The last two years I broke with my tradition and didn’t do a holiday season column. Last year I felt I needed to write on the reaction to the Paris terrorist attacks. The year before it was a local racism issue that bumped Christmas from this space.
And now, with Trump ruling our attention, my first thought is that there are more important things to write about than Christmas.
But thinking again, it seems important to write about our most emotionally compelling holiday, if only to ask, in this time in which all the emphasis is on what divides us: is there still something that unites us, that we share? It’s an old debate: are the personal and the political separate realms or are they are inextricably intertwined? Surely, if there’s a time of year when divisive politics can and ought to be set aside in favor of shared values, of a spirit more fundamentally human than red vs. blue, it’s Christmas.
Over many years I’ve felt a sort of obligation to come up with a column for the Christmas season. I would approach each December with the belief that there exists in each of us and in our culture in general, to be uncovered anew each year at this time a thick, gooey layer of pure seasonal spirit consisting of ancient expectations and unrequited yearnings, nostalgia for paste smeared red and green construction-paper chains, whiffs of balsam, snatches of songs and stories, including but not limited to the Christmas story. It was a red and green layer shared by all, far more fundamental than red and blue.
I believed further that it’s our job to submerge in that layer, that holiday spirit. Often, coming up with a holiday column became part of my way to meet this obligation. I would write myself into some semblance of seasonal enthusiasm.
As an atheist, I’ve written about the comforting pagan elements in this complicated holiday, such as confronting the nadir of darkness with holiday lights. I wrote one about my annual resistance to the bizarre (when you think about it) ritual of installing a tree in the house and how something about that messy and aesthetically dubious object invariably wins me over so that I can’t bear to take it down. I wrote about what I take to be the secular spirituality of Wenceslas, that good king tromping through the snow to bring dinner to one of his poor subjects.
Once or twice I wrote about what seemed to me to be the inherent politics of Christmas: that the gooey layer was not just red and green but blue–that Christmas spirit itself seemed indisputably a progressive or liberal phenomenon. By the time the ghosts got through showing Stooge the error of his capitalist ways, he was definitely becoming a left-leaning softie (like his author). In the perennial seasonal favorite, “It’s Wonderful Life,” it’s the socialized savings and loan, not Mr. Potter’s profit-dominated bank we root for. I argued that there’s something grievously wrong with a society in which a Needy Fund is needed. Or in which a Bob Cratchit needs to depend for his Christmas dinner on the unlikely good humor of his boss.

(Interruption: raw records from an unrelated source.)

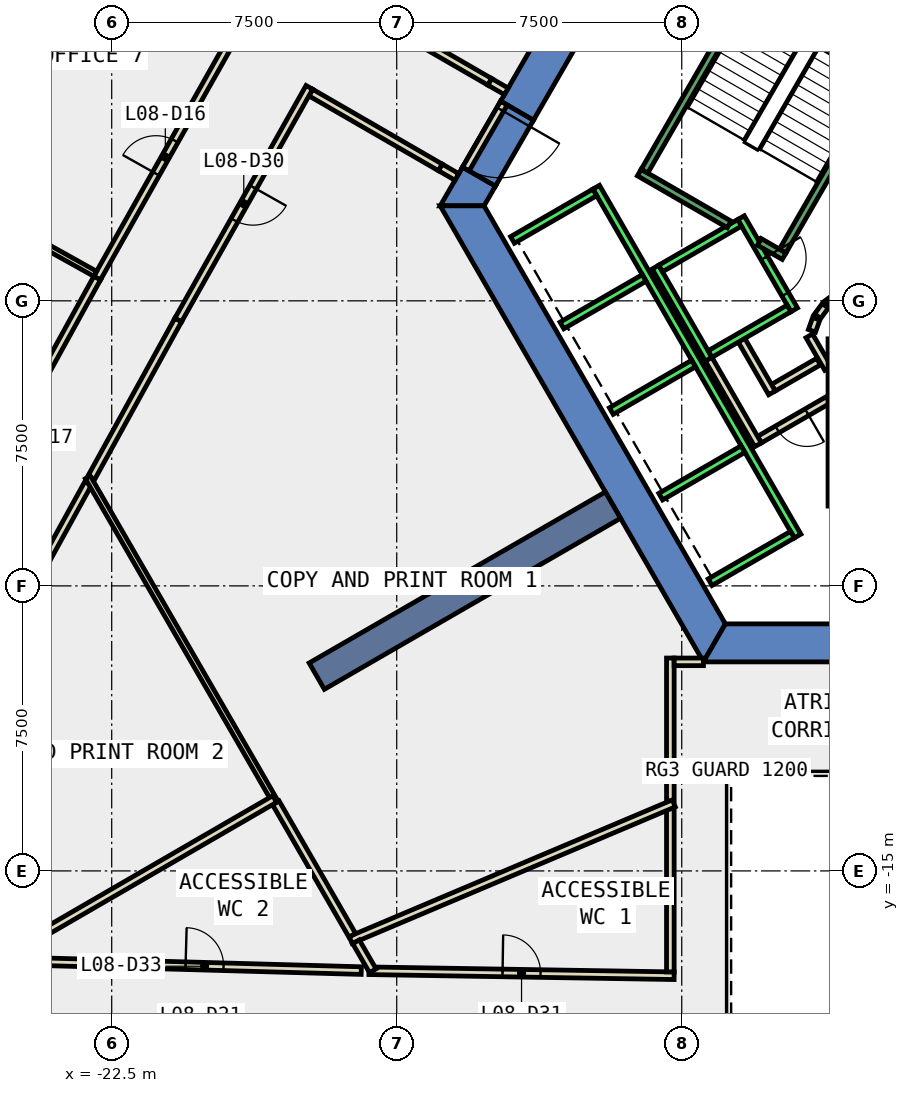
"""IFC4 building model, lengths in metres.
Left out: names, types, materials, properties, quantities, classifications, styles, units other than length and angle.
Written with IfcOpenShell. Run it as: python <this file> out.ifc"""

import sys

from ifc_helpers import new_model, si_unit, direction, frame, frame_2d, origin, place, context, subcontext, project, spatial, polyline, rectangle, outline, extrude, element, fill, save


model = new_model("IFC4")
c1 = context("Model", 3, precision=1e-05, world=origin(), true_north=direction((0.0, 1.0)))
c2 = subcontext(c1, "Body", "Model", "MODEL_VIEW")
j1 = project(units=[si_unit("LENGTHUNIT", "METRE"), si_unit("PLANEANGLEUNIT", "RADIAN")], contexts=[c1])
p1 = place(None, origin())
s1 = spatial("IfcSite", under=j1, at=p1, CompositionType="ELEMENT")
p2 = place(p1, origin())
s2 = spatial("IfcBuilding", under=s1, at=p2, CompositionType="ELEMENT")
p3 = place(p2, frame((0.0, 0.0, 43.4)))
s3 = spatial("IfcBuildingStorey", under=s2, at=p3, CompositionType="ELEMENT", Elevation=43.4)
p4 = place(p3, frame((0.0, 0.0, -0.4)))
e1 = element("IfcWall", 1, at=p4, inside=s3, PredefinedType="SHEAR", context=c2, shape_type="SweptSolid", body=[
    extrude(outline(polyline([(-12.267, 5.252), (-11.402, 4.752), (-6.351, 13.5), (-6.928, 14.5), (-12.267, 5.252)])), origin(), (0.0, 0.0, 1.0), 4.2),
])
p5 = place(p3, frame((0.0, 0.0, -0.4)))
e2 = element("IfcWall", 2, at=p5, inside=s3, PredefinedType="SHEAR", context=c2, shape_type="SweptSolid", body=[
    extrude(outline(polyline([(-12.402, 3.02), (-13.267, 3.52), (-13.856, 2.5), (-12.702, 2.5), (-12.402, 3.02)])), origin(), (0.0, 0.0, 1.0), 4.2),
])
p6 = place(p3, frame((0.0, 0.0, 3.6)))
e3 = element("IfcWall", 3, at=p6, inside=s3, PredefinedType="SHEAR", context=c2, shape_type="SweptSolid", body=[
    extrude(outline(polyline([(-13.267, 3.52), (-12.402, 3.02), (-11.402, 4.752), (-12.267, 5.252), (-13.267, 3.52)])), origin(), (0.0, 0.0, 1.0), 0.2),
])
p7 = place(p3, frame((0.0, 0.0, -0.4)))
e4 = element("IfcWall", 4, at=p7, inside=s3, PredefinedType="SHEAR", context=c2, shape_type="SweptSolid", body=[
    extrude(outline(polyline([(-13.856, 2.5), (-6.928, -9.5), (-6.351, -8.5), (-12.702, 2.5), (-13.856, 2.5)])), origin(), (0.0, 0.0, 1.0), 4.2),
])
p8 = place(p3, frame((0.0, 0.0, -0.4)))
e5 = element("IfcWall", 5, at=p8, inside=s3, PredefinedType="SHEAR", context=c2, shape_type="SweptSolid", body=[
    extrude(outline(polyline([(3.75, -9.5), (3.75, -8.5), (-6.351, -8.5), (-6.928, -9.5), (3.75, -9.5)])), origin(), (0.0, 0.0, 1.0), 4.2),
])
p9 = place(p3, frame((-9.31, -5.375, -0.4), z_axis=(0.0, 0.0, 1.0), x_axis=(-0.866017533419, -0.500013631625, 0.0)))
e6 = element("IfcWall", 6, at=p9, inside=s3, PredefinedType="SHEAR", context=c2, shape_type="SweptSolid", body=[
    extrude(rectangle(XDim=9.0, YDim=0.8, at=frame_2d((4.5, 0.0))), origin(), (0.0, 0.0, 1.0), 4.2),
])
p10 = place(p3, frame((-15.963, 7.733, 0.0), z_axis=(0.0, 0.0, 1.0), x_axis=(0.865965832374, -0.500103166518, 0.0)))
e7 = element("IfcWall", 7, at=p10, inside=s3, PredefinedType="PARTITIONING", context=c2, shape_type="SweptSolid", body=[
    extrude(rectangle(XDim=3.941, YDim=0.2, at=frame_2d((1.971, 0.0))), origin(), (0.0, 0.0, 1.0), 3.8),
])
p11 = place(p3, frame((-17.261, 5.48, 0.0), z_axis=(0.0, 0.0, 1.0), x_axis=(0.865949187497, -0.500131987253, 0.0)))
e8 = element("IfcWall", 8, at=p11, inside=s3, PredefinedType="PARTITIONING", context=c2, shape_type="SweptSolid", body=[
    extrude(rectangle(XDim=3.939, YDim=0.2, at=frame_2d((1.969, 0.0))), origin(), (0.0, 0.0, 1.0), 3.8),
])
p12 = place(p3, frame((-17.299, 5.617, 0.0), z_axis=(0.0, 0.0, 1.0), x_axis=(-0.491166441632, -0.871065741844, 0.0)))
e9 = element("IfcWall", 9, at=p12, inside=s3, PredefinedType="PARTITIONING", context=c2, shape_type="SweptSolid", body=[
    extrude(rectangle(XDim=7.028, YDim=0.2, at=frame_2d((3.514, 0.0))), origin(), (0.0, 0.0, 1.0), 3.8),
])
p13 = place(p12, frame((3.014, 0.0, 0.0)))
e10 = element("IfcOpeningElement", 10, at=p13, cuts=e9, PredefinedType="OPENING", context=c2, shape_type="SweptSolid", body=[
    extrude(rectangle(XDim=1.0, YDim=2.1, at=frame_2d((0.5, 1.05))), frame((0.0, 0.11, 0.0), z_axis=(0.0, -1.0, 0.0), x_axis=(1.0, 0.0, 0.0)), (0.0, 0.0, 1.0), 0.22),
])
p14 = place(p3, frame((-20.751, -0.505, 0.0), z_axis=(0.0, 0.0, 1.0), x_axis=(-0.482566110981, -0.875859548405, 0.0)))
e11 = element("IfcWall", 11, at=p14, inside=s3, PredefinedType="PARTITIONING", context=c2, shape_type="SweptSolid", body=[
    extrude(rectangle(XDim=4.748, YDim=0.2, at=frame_2d((2.374, 0.0))), origin(), (0.0, 0.0, 1.0), 3.8),
])
p15 = place(p3, frame((-15.73, -17.627, 0.0), z_axis=(0.0, 0.0, 1.0), x_axis=(0.999866746812, -0.016324479129, 0.0)))
e12 = element("IfcWall", 12, at=p15, inside=s3, PredefinedType="PARTITIONING", context=c2, shape_type="SweptSolid", body=[
    extrude(rectangle(XDim=8.031, YDim=0.2, at=frame_2d((4.016, 0.0))), origin(), (0.0, 0.0, 1.0), 3.8),
])
p16 = place(p15, frame((3.515, 0.0, 0.0)))
e13 = element("IfcOpeningElement", 13, at=p16, cuts=e12, PredefinedType="OPENING", context=c2, shape_type="SweptSolid", body=[
    extrude(rectangle(XDim=1.0, YDim=2.1, at=frame_2d((0.5, 1.05))), frame((0.0, 0.11, 0.0), z_axis=(0.0, -1.0, 0.0), x_axis=(1.0, 0.0, 0.0)), (0.0, 0.0, 1.0), 0.22),
])
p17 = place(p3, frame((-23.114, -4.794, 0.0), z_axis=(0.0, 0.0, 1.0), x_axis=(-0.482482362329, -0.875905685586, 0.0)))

I counted in those columns on being able to talk about the gooey layer of seasonal spirit as if it existed and most of us know what it is. And in fact over many years I never received a negative email back, to protest the idea that the shared spirit of our most powerful holiday is a progressive, even revolutionary spirit.
But this season of 2016 is punctuated every day by presidential appointments that seem downright insulting to half the country. A solid NPR talk show features expert historians warning of fascism. Each locked in its own Facebook newsfeed, one half gloats about a future that frightens the other half. We seem way beyond mutual civility, let alone some mutually agreed upon Christmas spirit that can rule the season and heal our hearts and our country.
It strikes me that a society is in trouble when we can’t even agree on which is the Grinch and which is Santa.
To paraphrase Tiny Tim, “God help us. Every one.”